King of Fighters '95.


----------



## 2cb2ct7 (Sep 24, 2007)

Metal Slug FTW!


----------



## coolmos (Sep 24, 2007)

Hm. Actually most of the Golden Age games are my favourite, but besides those i'd vote Viewpoint / Pulstar / R-Type / Nemesis or any of the other great shooters.
And in the category weird but not forgotten may i suggest Wild West Cow Boys of Moo Mesa or WakuWaku7.


----------



## Chotaz (Sep 24, 2007)

gotta agree, KOF, is still one of my number ones


----------



## Tanas (Sep 24, 2007)

Mr. Do's castle. I'm second on the marp high score list and my mate is the unofficial world record holder with a score of over 500,000.

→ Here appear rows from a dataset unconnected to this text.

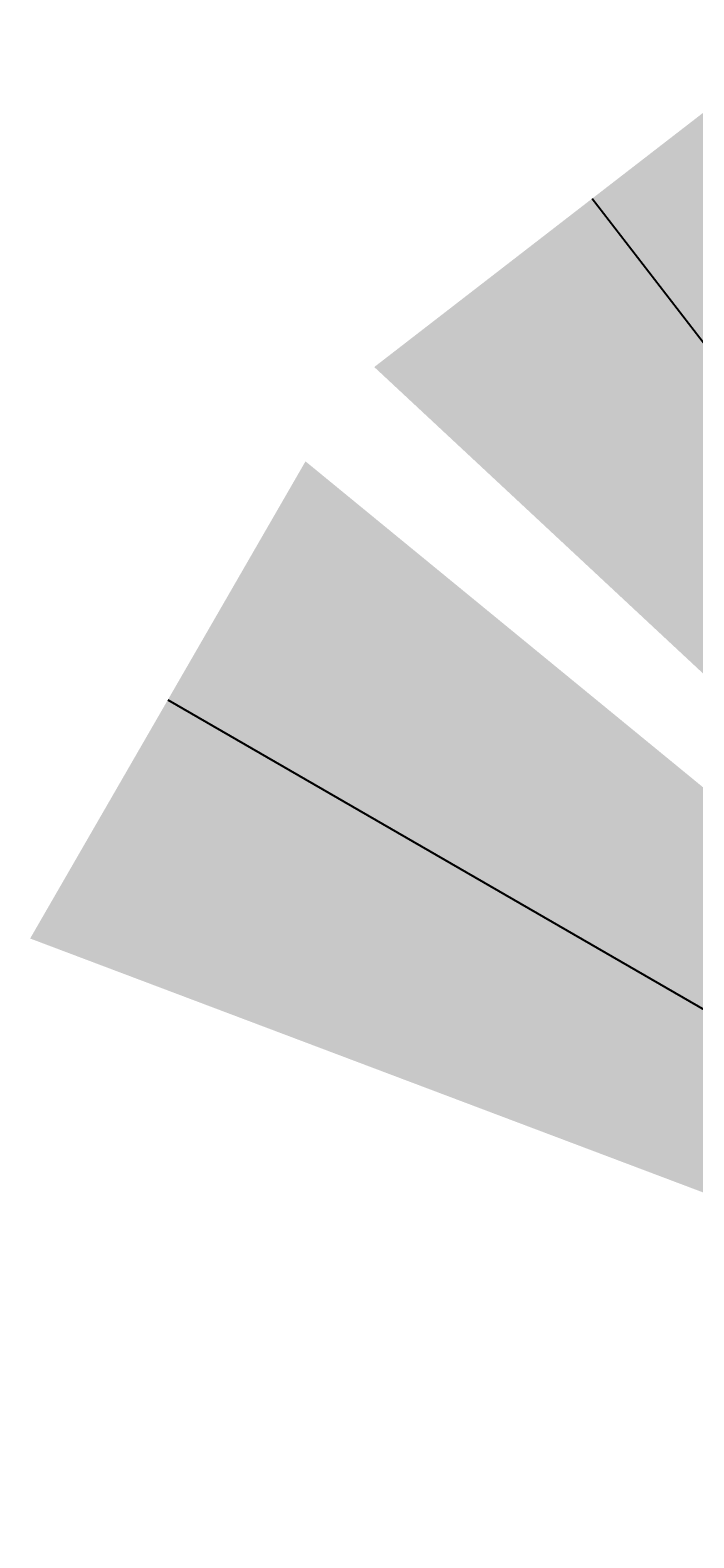
# Model space of a CAD drawing. Units: inches. Extents: x -9413 to 9703, y -9719 to 9096.
# Tile 1 of 1: x -9413 to -5451, y 99 to 9096. Entities that reach past the tile are written whole.
import ezdxf
from ezdxf import colors
from ezdxf.entities.mleader import LeaderData, LeaderLine
from ezdxf.math import Vec2, Vec3

# ---------------------------------------------------------------- set-up
doc = ezdxf.new("R2010")
doc.units = ezdxf.units.IN
doc.header["$MEASUREMENT"] = 0
doc.layers.add('M-ANNO-TEXT', color=7, linetype='Continuous', lineweight=18)
doc.styles.get("Standard").update_dxf_attribs({"font": 'arial.ttf'})

msp = doc.modelspace()

# ---------------------------------------------------------------- leaders
at = {"layer": 'M-ANNO-TEXT'}
ml = msp.add_multileader_mtext('Standard', dxfattribs=at)
ml.set_content('steam drum', color=256)
ml.set_leader_properties()
ml.build(insert=Vec2(0, 0))
ml.multileader.update_dxf_attribs({"dogleg_length": 0.36, "arrow_head_size": 10000, "scale": 10})
ctx = ml.context
ctx.base_point, ctx.scale, ctx.char_height, ctx.arrow_head_size, ctx.landing_gap_size, ctx.plane_origin = Vec3(1.078100315116472, 187.1657656808087), 10, 5.4, 10000, 0.9, Vec3(56.53630785249729, 178.1917761520126)
ctx.text_align_type = 2
notes = []
notes.append((ctx, [(0, (1, 1, 0), (49.60206616053652, 187.1657656808087), (-1, 0), 7.616326009130828, [(0, [(56.5363078524973, 178.1917761520126)], 0, [])])]))
ctx.mtext.insert, ctx.mtext.alignment, ctx.mtext.flow_direction = Vec3(41.08574015140569, 189.9099675907678), 3, 5
ml = msp.add_multileader_mtext('Standard', dxfattribs=at)
ml.set_content('Boiler', color=256)
ml.set_leader_properties()
ml.build(insert=Vec2(0, 0))
ml.multileader.update_dxf_attribs({"dogleg_length": 0.36, "arrow_head_size": 10000, "scale": 10})
ctx = ml.context
ctx.base_point, ctx.scale, ctx.char_height, ctx.arrow_head_size, ctx.landing_gap_size, ctx.plane_origin = Vec3(31.04430257849453, 103.0991380116177), 10, 5.4, 10000, 0.9, Vec3(69.11352005531556, 99.3051261342938)
ctx.text_align_type = 2
notes.append((ctx, [(0, (1, 1, 0), (62.54209871927075, 103.0991380116177), (-1, 0), 10.86041551321825, [(0, [(69.11352005531556, 99.3051261342938)], 0, [])])]))
ctx.mtext.insert, ctx.mtext.alignment, ctx.mtext.flow_direction = Vec3(50.7816832060525, 105.8433399215768), 3, 5
for ctx, leaders in notes:
    for number, flags, end, landing, length, lines in leaders:
        leader = LeaderData()
        leader.index, (leader.has_last_leader_line, leader.has_dogleg_vector, leader.attachment_direction) = number, flags
        leader.last_leader_point, leader.dogleg_vector, leader.dogleg_length = Vec3(end), Vec3(landing), length
        for number, points, colour, breaks in lines:
            line = LeaderLine()
            line.index, line.vertices, line.color, line.breaks = number, Vec3.list(points), colors.encode_raw_color(colour), breaks
            leader.lines.append(line)
        ctx.leaders.append(leader)

doc.saveas('drawing.dxf')
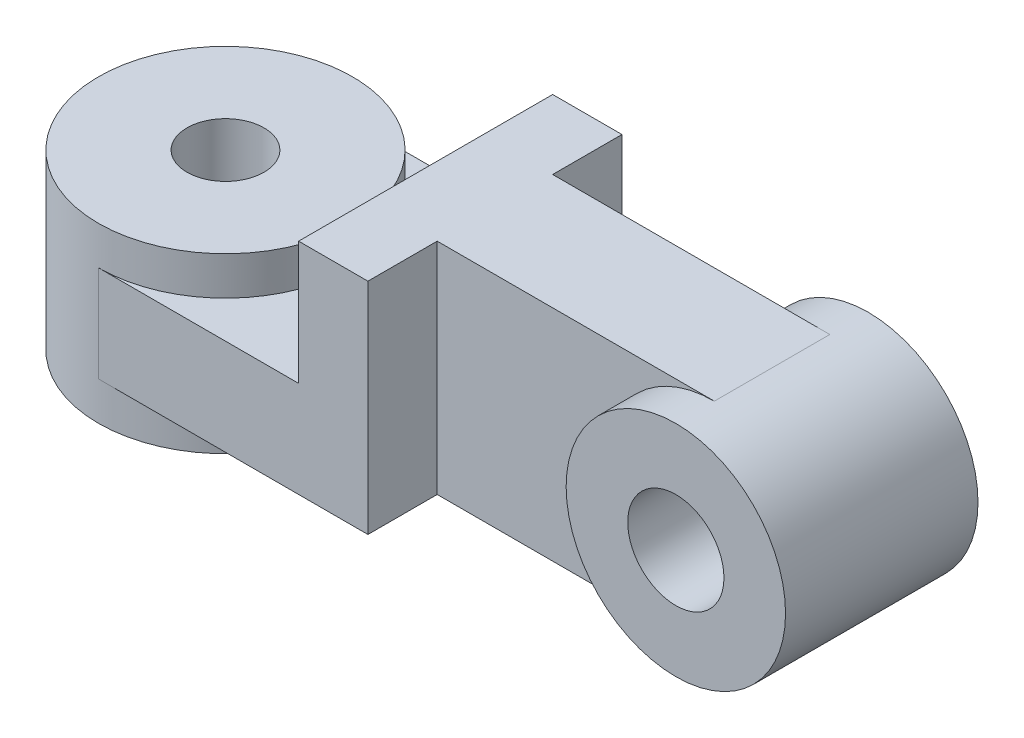
ISO-10303-21;
HEADER;
FILE_DESCRIPTION(('STEP AP214'),'2;1');
FILE_NAME('part.step','',(''),(''),'','','');
FILE_SCHEMA(('AUTOMOTIVE_DESIGN { 1 0 10303 214 1 1 1 1 }'));
ENDSEC;
DATA;
#1=APPLICATION_CONTEXT('core data for automotive mechanical design processes');
#2=APPLICATION_PROTOCOL_DEFINITION('international standard','automotive_design',2000,#1);
#3=PRODUCT_CONTEXT('',#1,'mechanical');
#4=PRODUCT('Part','Part','',(#3));
#5=PRODUCT_RELATED_PRODUCT_CATEGORY('part','',(#4));
#6=PRODUCT_DEFINITION_FORMATION('','',#4);
#7=PRODUCT_DEFINITION_CONTEXT('part definition',#1,'design');
#8=PRODUCT_DEFINITION('design','',#6,#7);
#9=PRODUCT_DEFINITION_SHAPE('','',#8);
#10=(LENGTH_UNIT() NAMED_UNIT(*) SI_UNIT(.MILLI.,.METRE.));
#11=(NAMED_UNIT(*) PLANE_ANGLE_UNIT() SI_UNIT($,.RADIAN.));
#12=(NAMED_UNIT(*) SI_UNIT($,.STERADIAN.) SOLID_ANGLE_UNIT());
#13=UNCERTAINTY_MEASURE_WITH_UNIT(LENGTH_MEASURE(1.E-05),#10,'distance_accuracy_value','');
#14=(GEOMETRIC_REPRESENTATION_CONTEXT(3) GLOBAL_UNCERTAINTY_ASSIGNED_CONTEXT((#13)) GLOBAL_UNIT_ASSIGNED_CONTEXT((#10,
#11,#12)) REPRESENTATION_CONTEXT('',''));
#15=CARTESIAN_POINT('',(0.,0.,0.));
#16=DIRECTION('',(0.,0.,1.));
#17=DIRECTION('',(1.,0.,0.));
#18=AXIS2_PLACEMENT_3D('',#15,#16,#17);
#19=CARTESIAN_POINT('',(70000.,12500.,-33000.));
#20=DIRECTION('',(-1.,0.,0.));
#21=DIRECTION('',(0.,0.,1.));
#22=AXIS2_PLACEMENT_3D('',#19,#20,#21);
#23=PLANE('',#22);
#24=DIRECTION('',(0.,1.,0.));
#25=VECTOR('',#24,1.);
#26=CARTESIAN_POINT('',(70000.,-12500.,-15000.));
#27=LINE('',#26,#25);
#28=CARTESIAN_POINT('',(70000.,-12500.,-15000.));
#29=VERTEX_POINT('',#28);
#30=CARTESIAN_POINT('',(70000.,44500.,-15000.));
#31=VERTEX_POINT('',#30);
#32=EDGE_CURVE('E152',#29,#31,#27,.T.);
#33=ORIENTED_EDGE('',*,*,#32,.F.);
#34=DIRECTION('',(0.,0.,-1.));
#35=VECTOR('',#34,1.);
#36=CARTESIAN_POINT('',(70000.,-12500.,-33000.));
#37=LINE('',#36,#35);
#38=CARTESIAN_POINT('',(70000.,-12500.,-33000.));
#39=VERTEX_POINT('',#38);
#40=EDGE_CURVE('E189',#29,#39,#37,.T.);
#41=ORIENTED_EDGE('',*,*,#40,.T.);
#42=DIRECTION('',(0.,-1.,0.));
#43=VECTOR('',#42,1.);
#44=CARTESIAN_POINT('',(70000.,12500.,-33000.));
#45=LINE('',#44,#43);
#46=CARTESIAN_POINT('',(70000.,44500.,-33000.));
#47=VERTEX_POINT('',#46);
#48=EDGE_CURVE('E191',#47,#39,#45,.T.);
#49=ORIENTED_EDGE('',*,*,#48,.F.);
#50=DIRECTION('',(0.,0.,-1.));
#51=VECTOR('',#50,1.);
#52=CARTESIAN_POINT('',(70000.,44500.,33000.));
#53=LINE('',#52,#51);
#54=EDGE_CURVE('E163',#31,#47,#53,.T.);
#55=ORIENTED_EDGE('',*,*,#54,.F.);
#56=EDGE_LOOP('',(#33,#41,#49,#55));
#57=FACE_BOUND('',#56,.T.);
#58=ADVANCED_FACE('F50',(#57),#23,.F.);
#59=CARTESIAN_POINT('',(0.,12500.,0.));
#60=DIRECTION('',(0.,1.,0.));
#61=DIRECTION('',(0.,0.,1.));
#62=AXIS2_PLACEMENT_3D('',#59,#60,#61);
#63=PLANE('',#62);
#64=DIRECTION('',(1.,0.,0.));
#65=VECTOR('',#64,1.);
#66=CARTESIAN_POINT('',(0.,12500.,33000.));
#67=LINE('',#66,#65);
#68=CARTESIAN_POINT('',(0.,12500.,33000.));
#69=VERTEX_POINT('',#68);
#70=CARTESIAN_POINT('',(52000.,12500.,33000.));
#71=VERTEX_POINT('',#70);
#72=EDGE_CURVE('E177',#69,#71,#67,.T.);
#73=ORIENTED_EDGE('',*,*,#72,.T.);
#74=DIRECTION('',(0.,0.,1.));
#75=VECTOR('',#74,1.);
#76=CARTESIAN_POINT('',(52000.,12500.,33000.));
#77=LINE('',#76,#75);
#78=CARTESIAN_POINT('',(52000.,12500.,-33000.));
#79=VERTEX_POINT('',#78);
#80=EDGE_CURVE('E67',#79,#71,#77,.T.);
#81=ORIENTED_EDGE('',*,*,#80,.F.);
#82=DIRECTION('',(-1.,0.,0.));
#83=VECTOR('',#82,1.);
#84=CARTESIAN_POINT('',(0.,12500.,-33000.));
#85=LINE('',#84,#83);
#86=CARTESIAN_POINT('',(-2.00982088115E-11,12500.,-33000.));
#87=VERTEX_POINT('',#86);
#88=EDGE_CURVE('E185',#79,#87,#85,.T.);
#89=ORIENTED_EDGE('',*,*,#88,.T.);
#90=CARTESIAN_POINT('',(0.,12500.,0.));
#91=DIRECTION('',(0.,-1.,0.));
#92=DIRECTION('',(0.,0.,1.));
#93=AXIS2_PLACEMENT_3D('',#90,#91,#92);
#94=CIRCLE('',#93,33000.);
#95=EDGE_CURVE('E176',#87,#69,#94,.T.);
#96=ORIENTED_EDGE('',*,*,#95,.T.);
#97=EDGE_LOOP('',(#73,#81,#89,#96));
#98=FACE_BOUND('',#97,.T.);
#99=ADVANCED_FACE('F233',(#98),#63,.T.);
#100=CARTESIAN_POINT('',(0.,22500.,0.));
#101=DIRECTION('',(0.,-1.,0.));
#102=DIRECTION('',(0.,0.,-1.));
#103=AXIS2_PLACEMENT_3D('',#100,#101,#102);
#104=CYLINDRICAL_SURFACE('',#103,33000.);
#105=DIRECTION('',(0.,-1.,0.));
#106=VECTOR('',#105,1.);
#107=CARTESIAN_POINT('',(0.,12500.,33000.));
#108=LINE('',#107,#106);
#109=CARTESIAN_POINT('',(0.,-12500.,33000.));
#110=VERTEX_POINT('',#109);
#111=EDGE_CURVE('E199',#69,#110,#108,.T.);
#112=ORIENTED_EDGE('',*,*,#111,.F.);
#113=ORIENTED_EDGE('',*,*,#95,.F.);
#114=DIRECTION('',(0.,-1.,0.));
#115=VECTOR('',#114,1.);
#116=CARTESIAN_POINT('',(0.,12500.,-33000.));
#117=LINE('',#116,#115);
#118=CARTESIAN_POINT('',(0.,-12500.,-33000.));
#119=VERTEX_POINT('',#118);
#120=EDGE_CURVE('E183',#87,#119,#117,.T.);
#121=ORIENTED_EDGE('',*,*,#120,.T.);
#122=CARTESIAN_POINT('',(0.,-12500.,0.));
#123=DIRECTION('',(0.,-1.,0.));
#124=DIRECTION('',(0.,0.,1.));
#125=AXIS2_PLACEMENT_3D('',#122,#123,#124);
#126=CIRCLE('',#125,33000.);
#127=EDGE_CURVE('E174',#119,#110,#126,.T.);
#128=ORIENTED_EDGE('',*,*,#127,.T.);
#129=EDGE_LOOP('',(#112,#113,#121,#128));
#130=FACE_BOUND('',#129,.T.);
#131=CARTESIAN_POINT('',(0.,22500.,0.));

http://marp.retrogames.com/r/docastle


----------



## Lee79 (Sep 24, 2007)

X-Men VS Street fighter


----------



## Chotaz (Sep 26, 2007)

looks like there arent that many MAME fans here like i thought so


----------



## nloding (Sep 27, 2007)

I'm in the process of building an arcade machine right now.  Love it, tons of fun.  It's been slow going, as I was extremely short on extra cash, but now I got some and it's back to work.  Designing the control pad now.

Can't wait!


----------



## Chotaz (Sep 27, 2007)

QUOTE(nloding @ Sep 27 2007 said:


> I'm in the process of building an arcade machine right now.Â Love it, tons of fun.Â It's been slow going, as I was extremely short on extra cash, but now I got some and it's back to work.Â Designing the control pad now.
> 
> Can't wait!



got any pics we can see mate, i would love to build on machine of those myself, but i have no experience on something like that, i would need to find some tutorial in the internet for that


----------



## PiNa (Sep 27, 2007)

Defender (imho the best arcade game ever), Asteroids, Centipede ... in other words Old Skool


----------



## PiNa (Sep 27, 2007)

QUOTE(ChotaZ @ Sep 27 2007 said:


> got any pics we can see mate, i would love to build on machine of those myself, but i have no experience on something like that, i would need to find some tutorial in the internet for that



check out the X-Arcade's pictures:

http://www.xgaming.com/htm/cabinetimages.shtml#images

Looks amazing


----------



## xenon (Sep 27, 2007)

I have one, it's not that special but it's a sweet memory from when I was about 10 or 11. The best thing is every time I quit playing MAME for a while, I forget its name, and when I get back to it I have to spend an afternoon looking for it!


----------



## Jax (Sep 27, 2007)

Caddilacs & Dinosaurs and The Simpsons Arcade Game


----------



## Vater Unser (Sep 27, 2007)

it's had to pick *the* best Mame game, but I do have some favorites, like:
Pang!
the Metal Slug series
Sexy Parodius
1943
Sunset Riders (you should also try Wild West C.O.W.-Boys of Moo Mesa)
Hammerin' Harry
Dragon Breed
Blazing Star
...

it's just too bad that hardly any MAME roms worth playing have been released recently


----------



## GhostHawk (Sep 27, 2007)

With an X-Arcade controller (Dual Stick one) Nothing beats Robotron 2084!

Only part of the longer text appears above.